Friday, August 3, 2018

Adventures in Micro Collecting Baseball Hall Of Fame Edition

This past weekend the Baseball Hall of Fame inducted the Class of 2018, Vladimir Guerrero, Trevor Hoffman, Chipper Jones, Jack Morris, Jim Thome and Alan Trammell.  The National Sports Collectors Convention in Cleveland is this weekend. Seems like the right time to talk about another one of my Micro Collections, Baseball Hall of Fame members certified On-Card Autographs.


If you are not familiar with our term, “Micro Collecting” involves finding collecting projects that have personal meaning but can be achieved with a small number of cards. For example, I’ve collected certified On- Card Autographs of all the players on the New York Rangers with numbers that have been retired which was a great little project because there are currently only 9 players. Some other ideas could be collecting players that share your birthday, players who attended your college at the same time as you, players who have made milestone plays at games you’ve attended or maybe even players who share your last name.

Micro Collecting can be done with a wide variety of budgets, big and small. You can highly personalize your collecting while at the same time discover some cards you may never have thought to collect. You can select rookie cards, cards from their best years, low numbered serial cards, numbered cards that are the same as their uniform number, sticker autos, Auto Relic Cards, printing plates, etc. 

The entire point is to pick an easy project that inspires you.

For me, I’ve always had a connection with the Baseball Hall of Fame having grown up in New York. As Micro Collecting projects go, Baseball Hall of Fame members certified On-Card Autographs is on the larger size with 76 current living members and 40 deceased members. The great thing about this project is a lot of those members can be found currently just by opening packs of Topps cards. Within recent releases over the past couple of years I can think of about 60 members who have signed for Topps.

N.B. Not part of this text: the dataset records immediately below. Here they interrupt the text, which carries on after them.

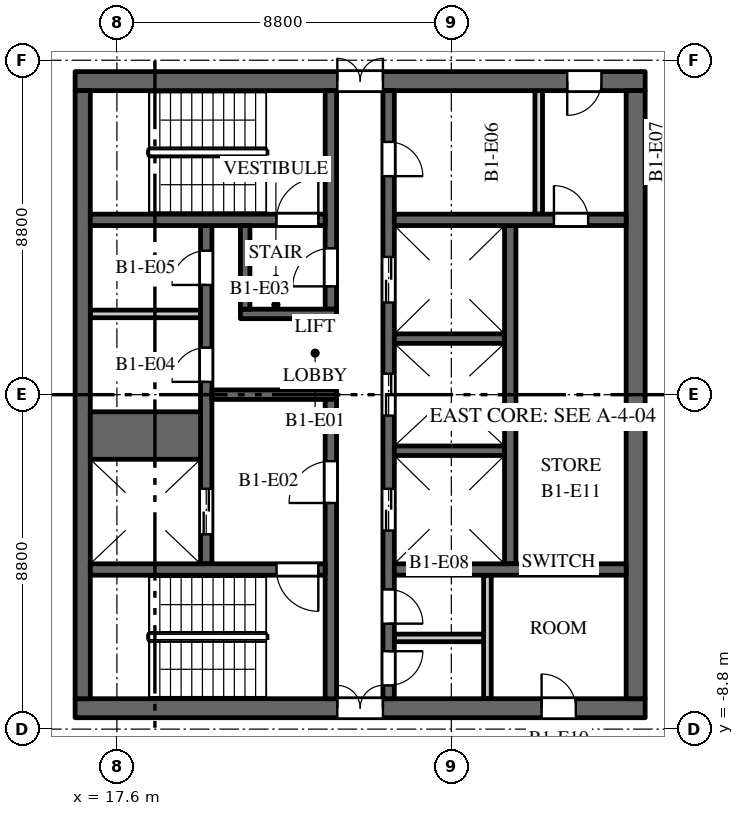
"""IFC4 building model, lengths in metres.
Left out: names, types, materials, properties, quantities, classifications, styles, units other than length and angle.
Written with IfcOpenShell. Run it as: python <this file> out.ifc"""

import sys

from ifc_helpers import new_model, si_unit, direction, frame, frame_2d, origin, place, context, subcontext, project, spatial, rectangle, extrude, element, fill, save


model = new_model("IFC4")
c1 = context("Model", 3, precision=1e-05, world=origin(), true_north=direction((0.0, 1.0)))
c2 = subcontext(c1, "Body", "Model", "MODEL_VIEW")
j1 = project(units=[si_unit("LENGTHUNIT", "METRE"), si_unit("PLANEANGLEUNIT", "RADIAN")], contexts=[c1])
p1 = place(None, origin())
s1 = spatial("IfcSite", under=j1, at=p1, CompositionType="ELEMENT")
p2 = place(p1, origin())
s2 = spatial("IfcBuilding", under=s1, at=p2, CompositionType="ELEMENT")
p3 = place(p2, frame((0.0, 0.0, -4.2)))
s3 = spatial("IfcBuildingStorey", under=s2, at=p3, CompositionType="ELEMENT", Elevation=-4.2)
p4 = place(p3, frame((16.5, 8.25, 0.0), z_axis=(0.0, 0.0, 1.0), x_axis=(1.0, 0.0, 0.0)))
e1 = element("IfcWall", 1, at=p4, inside=s3, PredefinedType="SHEAR", context=c2, shape_type="SweptSolid", body=[
    extrude(rectangle(XDim=15.0, YDim=0.5, at=frame_2d((7.5, 0.0))), origin(), (0.0, 0.0, 1.0), 3.85),
])
p5 = place(p4, frame((6.9, 0.0, 0.0)))
e2 = element("IfcOpeningElement", 2, at=p5, cuts=e1, PredefinedType="OPENING", context=c2, shape_type="SweptSolid", body=[
    extrude(rectangle(XDim=1.2, YDim=2.1, at=frame_2d((0.6, 1.05))), frame((0.0, 0.26, 0.0), z_axis=(0.0, -1.0, 0.0), x_axis=(1.0, 0.0, 0.0)), (0.0, 0.0, 1.0), 0.52),
])
p6 = place(p4, frame((12.95, 0.0, 0.0)))
e3 = element("IfcOpeningElement", 3, at=p6, cuts=e1, PredefinedType="OPENING", context=c2, shape_type="SweptSolid", body=[
    extrude(rectangle(XDim=0.9, YDim=2.1, at=frame_2d((0.45, 1.05))), frame((0.0, 0.26, 0.0), z_axis=(0.0, -1.0, 0.0), x_axis=(1.0, 0.0, 0.0)), (0.0, 0.0, 1.0), 0.52),
])
p7 = place(p3, frame((16.5, -8.25, 0.0), z_axis=(0.0, 0.0, 1.0), x_axis=(1.0, 0.0, 0.0)))
e4 = element("IfcWall", 4, at=p7, inside=s3, PredefinedType="SHEAR", context=c2, shape_type="SweptSolid", body=[
    extrude(rectangle(XDim=15.0, YDim=0.5, at=frame_2d((7.5, 0.0))), origin(), (0.0, 0.0, 1.0), 3.85),
])
p8 = place(p7, frame((6.9, 0.0, 0.0)))
e5 = element("IfcOpeningElement", 5, at=p8, cuts=e4, PredefinedType="OPENING", context=c2, shape_type="SweptSolid", body=[
    extrude(rectangle(XDim=1.2, YDim=2.1, at=frame_2d((0.6, 1.05))), frame((0.0, 0.26, 0.0), z_axis=(0.0, -1.0, 0.0), x_axis=(1.0, 0.0, 0.0)), (0.0, 0.0, 1.0), 0.52),
])
p9 = place(p7, frame((12.275, 0.0, 0.0)))
e6 = element("IfcOpeningElement", 6, at=p9, cuts=e4, PredefinedType="OPENING", context=c2, shape_type="SweptSolid", body=[
    extrude(rectangle(XDim=0.9, YDim=2.1, at=frame_2d((0.45, 1.05))), frame((0.0, 0.26, 0.0), z_axis=(0.0, -1.0, 0.0), x_axis=(1.0, 0.0, 0.0)), (0.0, 0.0, 1.0), 0.52),
])
p10 = place(p3, frame((16.9, 2.125, 0.0), z_axis=(0.0, 0.0, 1.0), x_axis=(1.0, 0.0, 0.0)))
e7 = element("IfcWall", 7, at=p10, inside=s3, PredefinedType="PARTITIONING", context=c2, shape_type="SweptSolid", body=[
    extrude(rectangle(XDim=2.9, YDim=0.2, at=frame_2d((1.45, 0.0))), origin(), (0.0, 0.0, 1.0), 3.85),
])
p11 = place(p3, frame((27.95, -4.45, 0.0), z_axis=(0.0, 0.0, 1.0), x_axis=(0.0, 1.0, 0.0)))
e8 = element("IfcWall", 8, at=p11, inside=s3, PredefinedType="SHEAR", context=c2, shape_type="SweptSolid", body=[
    extrude(rectangle(XDim=8.9, YDim=0.3, at=frame_2d((4.45, 0.0))), origin(), (0.0, 0.0, 1.0), 3.85),
])
p12 = place(p3, frame((19.95, -4.45, 0.0), z_axis=(0.0, 0.0, 1.0), x_axis=(0.0, 1.0, 0.0)))
e9 = element("IfcWall", 9, at=p12, inside=s3, PredefinedType="SHEAR", context=c2, shape_type="SweptSolid", body=[
    extrude(rectangle(XDim=8.9, YDim=0.3, at=frame_2d((4.45, 0.0))), origin(), (0.0, 0.0, 1.0), 3.85),
])
p13 = place(p12, frame((0.775, 0.0, 0.0)))
e10 = element("IfcOpeningElement", 10, at=p13, cuts=e9, PredefinedType="OPENING", context=c2, shape_type="SweptSolid", body=[
    extrude(rectangle(XDim=1.2, YDim=2.1, at=frame_2d((0.6, 1.05))), frame((0.0, 0.16, 0.0), z_axis=(0.0, -1.0, 0.0), x_axis=(1.0, 0.0, 0.0)), (0.0, 0.0, 1.0), 0.32),
])
p14 = place(p12, frame((4.788, 0.0, 0.0)))
e11 = element("IfcOpeningElement", 11, at=p14, cuts=e9, PredefinedType="OPENING", context=c2, shape_type="SweptSolid", body=[
    extrude(rectangle(XDim=0.9, YDim=2.1, at=frame_2d((0.45, 1.05))), frame((0.0, 0.16, 0.0), z_axis=(0.0, -1.0, 0.0), x_axis=(1.0, 0.0, 0.0)), (0.0, 0.0, 1.0), 0.32),
])
p15 = place(p12, frame((7.337, 0.0, 0.0)))
e12 = element("IfcOpeningElement", 12, at=p15, cuts=e9, PredefinedType="OPENING", context=c2, shape_type="SweptSolid", body=[
    extrude(rectangle(XDim=0.9, YDim=2.1, at=frame_2d((0.45, 1.05))), frame((0.0, 0.16, 0.0), z_axis=(0.0, -1.0, 0.0), x_axis=(1.0, 0.0, 0.0)), (0.0, 0.0, 1.0), 0.32),
])
p16 = place(p3, frame((24.75, -8.0, 0.0), z_axis=(0.0, 0.0, 1.0), x_axis=(0.0, 1.0, 0.0)))
e13 = element("IfcWall", 13, at=p16, inside=s3, PredefinedType="SHEAR", context=c2, shape_type="SweptSolid", body=[
    extrude(rectangle(XDim=16.0, YDim=0.3, at=frame_2d((8.0, 0.0))), origin(), (0.0, 0.0, 1.0), 3.85),
])
p17 = place(p16, frame((4.425, 0.0, 0.0)))
e14 = element("IfcOpeningElement", 14, at=p17, cuts=e13, PredefinedType="OPENING", context=c2, shape_type="SweptSolid", body=[
    extrude(rectangle(XDim=1.1, YDim=2.1, at=frame_2d((0.55, 1.05))), frame((0.0, 0.16, 0.0), z_axis=(0.0, -1.0, 0.0), x_axis=(1.0, 0.0, 0.0)), (0.0, 0.0, 1.0), 0.32),
])
p18 = place(p16, frame((7.45, 0.0, 0.0)))
e15 = element("IfcOpeningElement", 15, at=p18, cuts=e13, PredefinedType="OPENING", context=c2, shape_type="SweptSolid", body=[
    extrude(rectangle(XDim=1.1, YDim=2.1, at=frame_2d((0.55, 1.05))), frame((0.0, 0.16, 0.0), z_axis=(0.0, -1.0, 0.0), x_axis=(1.0, 0.0, 0.0)), (0.0, 0.0, 1.0), 0.32),
])
p19 = place(p16, frame((10.425, 0.0, 0.0)))
e16 = element("IfcOpeningElement", 16, at=p19, cuts=e13, PredefinedType="OPENING", context=c2, shape_type="SweptSolid", body=[
    extrude(rectangle(XDim=1.2, YDim=2.1, at=frame_2d((0.6, 1.05))), frame((0.0, 0.16, 0.0), z_axis=(0.0, -1.0, 0.0), x_axis=(1.0, 0.0, 0.0)), (0.0, 0.0, 1.0), 0.32),
])
p20 = place(p16, frame((13.75, 0.0, 0.0)))
e17 = element("IfcOpeningElement", 17, at=p20, cuts=e13, PredefinedType="OPENING", context=c2, shape_type="SweptSolid", body=[
    extrude(rectangle(XDim=0.9, YDim=2.1, at=frame_2d((0.45, 1.05))), frame((0.0, 0.16, 0.0), z_axis=(0.0, -1.0, 0.0), x_axis=(1.0, 0.0, 0.0)), (0.0, 0.0, 1.0), 0.32),
])
p21 = place(p16, frame((1.975, 0.0, 0.0)))
e18 = element("IfcOpeningElement", 18, at=p21, cuts=e13, PredefinedType="OPENING", context=c2, shape_type="SweptSolid", body=[
    extrude(rectangle(XDim=0.9, YDim=2.1, at=frame_2d((0.45, 1.05))), frame((0.0, 0.16, 0.0), z_axis=(0.0, -1.0, 0.0), x_axis=(1.0, 0.0, 0.0)), (0.0, 0.0, 1.0), 0.32),
])
p22 = place(p16, frame((0.35, 0.0, 0.0)))
e19 = element("IfcOpeningElement", 19, at=p22, cuts=e13, PredefinedType="OPENING", context=c2, shape_type="SweptSolid", body=[
    extrude(rectangle(XDim=0.9, YDim=2.1, at=frame_2d((0.45, 1.05))), frame((0.0, 0.16, 0.0), z_axis=(0.0, -1.0, 0.0), x_axis=(1.0, 0.0, 0.0)), (0.0, 0.0, 1.0), 0.32),
])
p23 = place(p3, frame((20.1, 0.0, 0.0), z_axis=(0.0, 0.0, 1.0), x_axis=(1.0, 0.0, 0.0)))
e20 = element("IfcWall", 20, at=p23, inside=s3, PredefinedType="SHEAR", context=c2, shape_type="SweptSolid", body=[
    extrude(rectangle(XDim=3.28, YDim=0.25, at=frame_2d((1.64, 0.0))), origin(), (0.0, 0.0, 1.0), 3.85),
])
p24 = place(p3, frame((16.7, -8.0, 0.0), z_axis=(0.0, 0.0, 1.0), x_axis=(0.0, 1.0, 0.0)))
e21 = element("IfcWall", 21, at=p24, inside=s3, PredefinedType="SHEAR", context=c2, shape_type="SweptSolid", body=[
    extrude(rectangle(XDim=16.0, YDim=0.4, at=frame_2d((8.0, 0.0))), origin(), (0.0, 0.0, 1.0), 3.85),
])
p25 = place(p3, frame((31.25, -8.0, 0.0), z_axis=(0.0, 0.0, 1.0), x_axis=(0.0, 1.0, 0.0)))
e22 = element("IfcWall", 22, at=p25, inside=s3, PredefinedType="SHEAR", context=c2, shape_type="SweptSolid", body=[
    extrude(rectangle(XDim=16.0, YDim=0.5, at=frame_2d((8.0, 0.0))), origin(), (0.0, 0.0, 1.0), 3.85),
])
p26 = place(p3, frame((24.9, 4.6, 0.0), z_axis=(0.0, 0.0, 1.0), x_axis=(1.0, 0.0, 0.0)))
e23 = element("IfcWall", 23, at=p26, inside=s3, PredefinedType="SHEAR", context=c2, shape_type="SweptSolid", body=[
    extrude(rectangle(XDim=6.1, YDim=0.3, at=frame_2d((3.05, 0.0))), origin(), (0.0, 0.0, 1.0), 3.85),
])
p27 = place(p26, frame((4.2, 0.0, 0.0)))
e24 = element("IfcOpeningElement", 24, at=p27, cuts=e23, PredefinedType="OPENING", context=c2, shape_type="SweptSolid", body=[
    extrude(rectangle(XDim=0.9, YDim=2.1, at=frame_2d((0.45, 1.05))), frame((0.0, 0.16, 0.0), z_axis=(0.0, -1.0, 0.0), x_axis=(1.0, 0.0, 0.0)), (0.0, 0.0, 1.0), 0.32),
])
for number, where, z_axis, x_axis in (
    (25, (28.7, 4.75, 0.0), (0.0, 0.0, 1.0), (0.0, 1.0, 0.0)),
    (26, (27.35, -8.0, 0.0), (0.0, 0.0, 1.0), (0.0, 1.0, 0.0)),
):
    element("IfcWall", number, at=place(p3, frame(where, z_axis=z_axis, x_axis=x_axis)), inside=s3, PredefinedType="PARTITIONING", context=c2, shape_type="SweptSolid", body=[
        extrude(rectangle(XDim=3.25, YDim=0.2, at=frame_2d((1.625, 0.0))), origin(), (0.0, 0.0, 1.0), 3.85),
    ])
p28 = place(p3, frame((24.9, -6.4, 0.0), z_axis=(0.0, 0.0, 1.0), x_axis=(1.0, 0.0, 0.0)))
e27 = element("IfcWall", 27, at=p28, inside=s3, PredefinedType="PARTITIONING", context=c2, shape_type="SweptSolid", body=[
    extrude(rectangle(XDim=2.35, YDim=0.2, at=frame_2d((1.175, 0.0))), origin(), (0.0, 0.0, 1.0), 3.85),
])
p29 = place(p3, frame((24.9, -4.6, 0.0), z_axis=(0.0, 0.0, 1.0), x_axis=(1.0, 0.0, 0.0)))
e28 = element("IfcWall", 28, at=p29, inside=s3, PredefinedType="SHEAR", context=c2, shape_type="SweptSolid", body=[
    extrude(rectangle(XDim=6.1, YDim=0.3, at=frame_2d((3.05, 0.0))), origin(), (0.0, 0.0, 1.0), 3.85),
])
p30 = place(p3, frame((16.9, -1.075, 0.0), z_axis=(0.0, 0.0, 1.0), x_axis=(1.0, 0.0, 0.0)))
e29 = element("IfcWall", 29, at=p30, inside=s3, PredefinedType="SHEAR", context=c2, shape_type="SweptSolid", body=[
    extrude(rectangle(XDim=2.9, YDim=1.25, at=frame_2d((1.45, 0.0))), origin(), (0.0, 0.0, 1.0), 3.85),
])
for number, where, z_axis, x_axis in (
    (30, (24.9, -1.475, 0.0), (0.0, 0.0, 1.0), (1.0, 0.0, 0.0)),
    (31, (24.9, 1.475, 0.0), (0.0, 0.0, 1.0), (1.0, 0.0, 0.0)),
):
    element("IfcWall", number, at=place(p3, frame(where, z_axis=z_axis, x_axis=x_axis)), inside=s3, PredefinedType="SHEAR", context=c2, shape_type="SweptSolid", body=[
        extrude(rectangle(XDim=2.9, YDim=0.25, at=frame_2d((1.45, 0.0))), origin(), (0.0, 0.0, 1.0), 3.85),
    ])
p31 = place(p3, frame((23.23, 2.25, 0.0), z_axis=(0.0, 0.0, 1.0), x_axis=(0.0, 1.0, 0.0)))
e32 = element("IfcWall", 32, at=p31, inside=s3, PredefinedType="SHEAR", context=c2, shape_type="SweptSolid", body=[
    extrude(rectangle(XDim=5.75, YDim=0.3, at=frame_2d((2.875, 0.0))), origin(), (0.0, 0.0, 1.0), 3.85),
])
p32 = place(p31, frame((0.6, 0.0, 0.0)))
e33 = element("IfcOpeningElement", 33, at=p32, cuts=e32, PredefinedType="OPENING", context=c2, shape_type="SweptSolid", body=[
    extrude(rectangle(XDim=1.0, YDim=2.1, at=frame_2d((0.5, 1.05))), frame((0.0, 0.16, 0.0), z_axis=(0.0, -1.0, 0.0), x_axis=(1.0, 0.0, 0.0)), (0.0, 0.0, 1.0), 0.32),
])
p33 = place(p3, frame((23.23, -8.0, 0.0), z_axis=(0.0, 0.0, 1.0), x_axis=(0.0, 1.0, 0.0)))
e34 = element("IfcWall", 34, at=p33, inside=s3, PredefinedType="SHEAR", context=c2, shape_type="SweptSolid", body=[
    extrude(rectangle(XDim=7.875, YDim=0.3, at=frame_2d((3.938, 0.0))), origin(), (0.0, 0.0, 1.0), 3.85),
])
p34 = place(p33, frame((5.15, 0.0, 0.0)))
e35 = element("IfcOpeningElement", 35, at=p34, cuts=e34, PredefinedType="OPENING", context=c2, shape_type="SweptSolid", body=[
    extrude(rectangle(XDim=1.1, YDim=2.1, at=frame_2d((0.55, 1.05))), frame((0.0, 0.16, 0.0), z_axis=(0.0, -1.0, 0.0), x_axis=(1.0, 0.0, 0.0)), (0.0, 0.0, 1.0), 0.32),
])
p35 = place(p3, frame((16.9, 4.6, 0.0), z_axis=(0.0, 0.0, 1.0), x_axis=(1.0, 0.0, 0.0)))
e36 = element("IfcWall", 36, at=p35, inside=s3, PredefinedType="SHEAR", context=c2, shape_type="SweptSolid", body=[
    extrude(rectangle(XDim=6.18, YDim=0.3, at=frame_2d((3.09, 0.0))), origin(), (0.0, 0.0, 1.0), 3.85),
])
p36 = place(p35, frame((4.9, 0.0, 0.0)))
e37 = element("IfcOpeningElement", 37, at=p36, cuts=e36, PredefinedType="OPENING", context=c2, shape_type="SweptSolid", body=[
    extrude(rectangle(XDim=1.1, YDim=2.1, at=frame_2d((0.55, 1.05))), frame((0.0, 0.16, 0.0), z_axis=(0.0, -1.0, 0.0), x_axis=(1.0, 0.0, 0.0)), (0.0, 0.0, 1.0), 0.32),
])
p37 = place(p3, frame((16.9, -4.6, 0.0), z_axis=(0.0, 0.0, 1.0), x_axis=(1.0, 0.0, 0.0)))
e38 = element("IfcWall", 38, at=p37, inside=s3, PredefinedType="SHEAR", context=c2, shape_type="SweptSolid", body=[
    extrude(rectangle(XDim=6.18, YDim=0.3, at=frame_2d((3.09, 0.0))), origin(), (0.0, 0.0, 1.0), 3.85),
])
p38 = place(p37, frame((4.9, 0.0, 0.0)))
e39 = element("IfcOpeningElement", 39, at=p38, cuts=e38, PredefinedType="OPENING", context=c2, shape_type="SweptSolid", body=[
    extrude(rectangle(XDim=1.1, YDim=2.1, at=frame_2d((0.55, 1.05))), frame((0.0, 0.16, 0.0), z_axis=(0.0, -1.0, 0.0), x_axis=(1.0, 0.0, 0.0)), (0.0, 0.0, 1.0), 0.32),
])
p39 = place(p3, frame((20.85, 2.125, 0.0), z_axis=(0.0, 0.0, 1.0), x_axis=(1.0, 0.0, 0.0)))
e40 = element("IfcWall", 40, at=p39, inside=s3, PredefinedType="SHEAR", context=c2, shape_type="SweptSolid", body=[
    extrude(rectangle(XDim=2.53, YDim=0.25, at=frame_2d((1.265, 0.0))), origin(), (0.0, 0.0, 1.0), 3.85),
])
p40 = place(p3, frame((20.975, 2.25, 0.0), z_axis=(0.0, 0.0, 1.0), x_axis=(0.0, 1.0, 0.0)))
e41 = element("IfcWall", 41, at=p40, inside=s3, PredefinedType="SHEAR", context=c2, shape_type="SweptSolid", body=[
    extrude(rectangle(XDim=2.2, YDim=0.25, at=frame_2d((1.1, 0.0))), origin(), (0.0, 0.0, 1.0), 3.85),
])
p41 = place(p3, frame((33.069, 8.062, 0.0), z_axis=(0.0, 0.0, 1.0), x_axis=(-0.462265314279, 0.886741664305, 0.0)))
e42 = element("IfcWall", 42, at=p41, inside=s3, PredefinedType="SOLIDWALL", context=c2, shape_type="SweptSolid", body=[
    extrude(rectangle(XDim=4.135, YDim=0.25, at=frame_2d((2.067, 0.0))), origin(), (0.0, 0.0, 1.0), 2.95),
])
p42 = place(p3, frame((31.157, -11.729, 0.0), z_axis=(0.0, 0.0, 1.0), x_axis=(0.462265314279, 0.886741664305, 0.0)))
e43 = element("IfcWall", 43, at=p42, inside=s3, PredefinedType="SOLIDWALL", context=c2, shape_type="SweptSolid", body=[
    extrude(rectangle(XDim=4.135, YDim=0.25, at=frame_2d((2.067, 0.0))), origin(), (0.0, 0.0, 1.0), 2.95),
])
p43 = place(p42, frame((1.467, 0.0, 0.0)))
e44 = element("IfcOpeningElement", 44, at=p43, cuts=e43, PredefinedType="OPENING", context=c2, shape_type="SweptSolid", body=[
    extrude(rectangle(XDim=1.2, YDim=2.1, at=frame_2d((0.6, 1.05))), frame((0.0, 0.135, 0.0), z_axis=(0.0, -1.0, 0.0), x_axis=(1.0, 0.0, 0.0)), (0.0, 0.0, 1.0), 0.27),
])
p44 = place(p13, origin())
e45 = element("IfcDoor", 45, at=p44, inside=s3, OperationType="DOUBLE_DOOR_SLIDING", PredefinedType="DOOR", context=c2, shape_type="SweptSolid", body=[
    extrude(rectangle(XDim=1.2, YDim=2.1, at=frame_2d((0.6, 1.05))), frame((0.0, 0.025, 0.0), z_axis=(0.0, -1.0, 0.0), x_axis=(1.0, 0.0, 0.0)), (0.0, 0.0, 1.0), 0.05),
])
fill(e10, e45)
p45 = place(p17, origin())
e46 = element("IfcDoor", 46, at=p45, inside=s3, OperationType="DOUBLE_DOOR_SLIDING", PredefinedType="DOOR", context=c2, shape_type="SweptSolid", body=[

That list would expand greatly if it weren’t for the “certified On-Card” qualifier. But you could include cut auto cards or even just collect autographed baseballs, a project that you could complete a large portion of just by attending the National. Many of the in-person signers in the Tristar Autograph Pavilion are HOFers.

The other thing I like about this collection is it expands to include new members each year, so there is always something new to collect, keeping it fresh, but the number it expands by is very manageable. The Class of 2018, at 6 new members, is about as big as it gets.  I look forward to the announcement at the beginning of the year with the members of the next class to enter the Hall. Sometimes, if I’m sure someone will make it, I do a preemptive strike to collect their card before the announcement, like I did with this Mariano Rivera 2017 Topps Transcendent card. Rivera should have no problem making it into the Hall in 2019, his first year of eligibility.

In future articles I’ll go more in-depth with the cards from this collection and other Micro Collections that cross into this collection, make sure you check back for those.  Leave a comment telling us about your Micro Collections or ones are now inspired to start. You may spark a idea for another collector in the process.


1 comment:

  1. Although I haven't officially started an on-card hof autograph collection, I probably have a decent sized collection. As for other Micro Collections, I have a few: hometown heroes, birthday pc, surfer pc, lefty Cy Young Award winners, and Donruss puzzles to name a few.